– О, непременно, мистер Сомс; можете на меня положиться. Так приятно было повидать вас. Кухарка будет в восторге, когда я ей расскажу.
Сомс пожал ей руку и пошел вниз. Добрых две минуты он простоял перед вешалкой, на которую столько раз вешал свою шляпу. «Так все проходит, – думал он. – Проходит и начинается сызнова. Бедный старик!» И он прислушался – вдруг отдастся в колодце лестницы, как волочит Тимоти свою лошадку; или выглянет из-за перил призрак старческого лица и старый голос скажет: «Ах, милый Сомс, это ты! А мы только что говорили, что не видели тебя целую неделю!» Ничего, ничего! Только запах камфоры да столб роящейся пыли в луче, проникшем сквозь полукруглое окно над дверью. Милый, старый дом! Мавзолей! И, повернувшись на каблуках, Сомс вышел и поспешил на вокзал.
V
Родная земля
ppp
Он на своей родной земле,
Его зовут… Вэл Дарти[41].
Такого рода чувство испытывал Вэл Дарти на сороковом году своей жизни, когда он в тот же четверг рано поутру выходил из старинного дома, купленного им на северных склонах сэссекских Меловых гор. Направлялся он в Ньюмаркет, где был в последний раз осенью 1899 года, когда удрал из Оксфорда на скачки. Он остановился в дверях поцеловать на прощание жену и засунуть в карман бутылку портвейна.
– Не перетруждай ногу, Вэл, и не играй слишком рьяно.
Ее грудь прижалась к его груди, глаза глядели в его глаза, и Вэл чувствовал, что и нога его и карман в безопасности. Он не должен зарываться: Холли всегда права, у нее врожденное чувство меры. Других это могло удивлять, но Вэл не видел ничего странного в том, что он, хоть и был наполовину Дарти, в течение двадцати лет сохранял нерушимую верность своей троюродной сестре с того дня, как романтически женился на ней в Южной Африке, в разгар войны; и, сохраняя верность, не испытывал скуки, не считал, что приносит жертву: Холли была такая живая, так всегда лукаво опережала его в смене настроений. Будучи в кровном родстве, они решили, – вернее, Холли решила – не заводить детей, и она хоть и поблекла немного, но все же сохранила свою внешность, свою гибкость, тон своих темных волос. Вэла больше всего восхищало, что она живет своей собственной жизнью, направляя при этом и его жизнь и с каждым годом совершенствуясь в верховой езде. Она не забросила музыку, очень много читала – романы, стихи, всякую всячину. Там, на их ферме в Южной Африке, она замечательно ухаживала за больными – за чернокожими женщинами и их ребятишками. Она по-настоящему умна, но не выставляет этого напоказ, не важничает. Не отличаясь особой скромностью, Вэл, однако, пришел к сознанию, что Холли выше его, и он ей с легким сердцем прощал это – большая уступка со стороны мужчины. Следует также отметить, что, когда бы он ни смотрел на нее, Холли всегда это знала, она же часто смотрела на него, когда он этого не замечал.

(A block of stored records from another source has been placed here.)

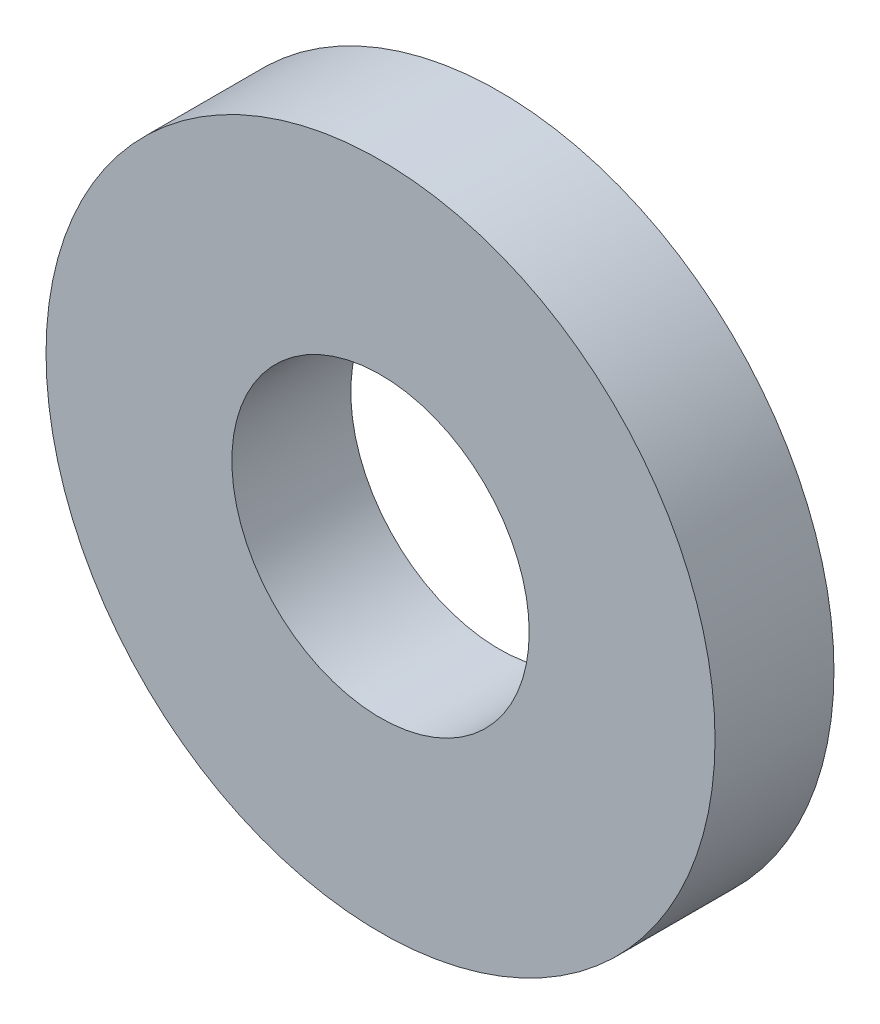
from build123d import *

# Parameters (mm, degrees)
WASHER_PROFILE_45_20_R   = 22.5
WASHER_PROFILE_45_20_R_2 = 10
WASHER_BODY_8MM_DEPTH    = 8


with BuildPart() as part:
    # Washer Profile Ø45-Ø20 → Washer Body 8mm (new body)
    with BuildSketch(Plane.XY):
        Circle(WASHER_PROFILE_45_20_R)
        Circle(WASHER_PROFILE_45_20_R_2, mode=Mode.SUBTRACT)
    extrude(amount=WASHER_BODY_8MM_DEPTH)


solid = part.part

Он поцеловал ее на крыльце, потому что не должен был целовать ее на платформе, хотя она провожала его на станцию, чтобы отвести назад машину. Загорев и покрывшись морщинами под жарким солнцем колоний и в борьбе с постоянным коварством лошадей, связанный своей ногой, поврежденной в бурской войне (и, может быть, спасшей ему жизнь в мировой войне), Вэл, однако, мало изменился со времени своего сватовства – та же была у него открытая, пленительная улыбка, только ресницы стали, пожалуй, еще темнее и гуще, но так же мерцали сквозь них светло-серые глаза, да веснушки выступали резче, да волосы на висках начали седеть. Он производил впечатление человека, долго жившего в солнечном климате деятельной жизнью лошадника.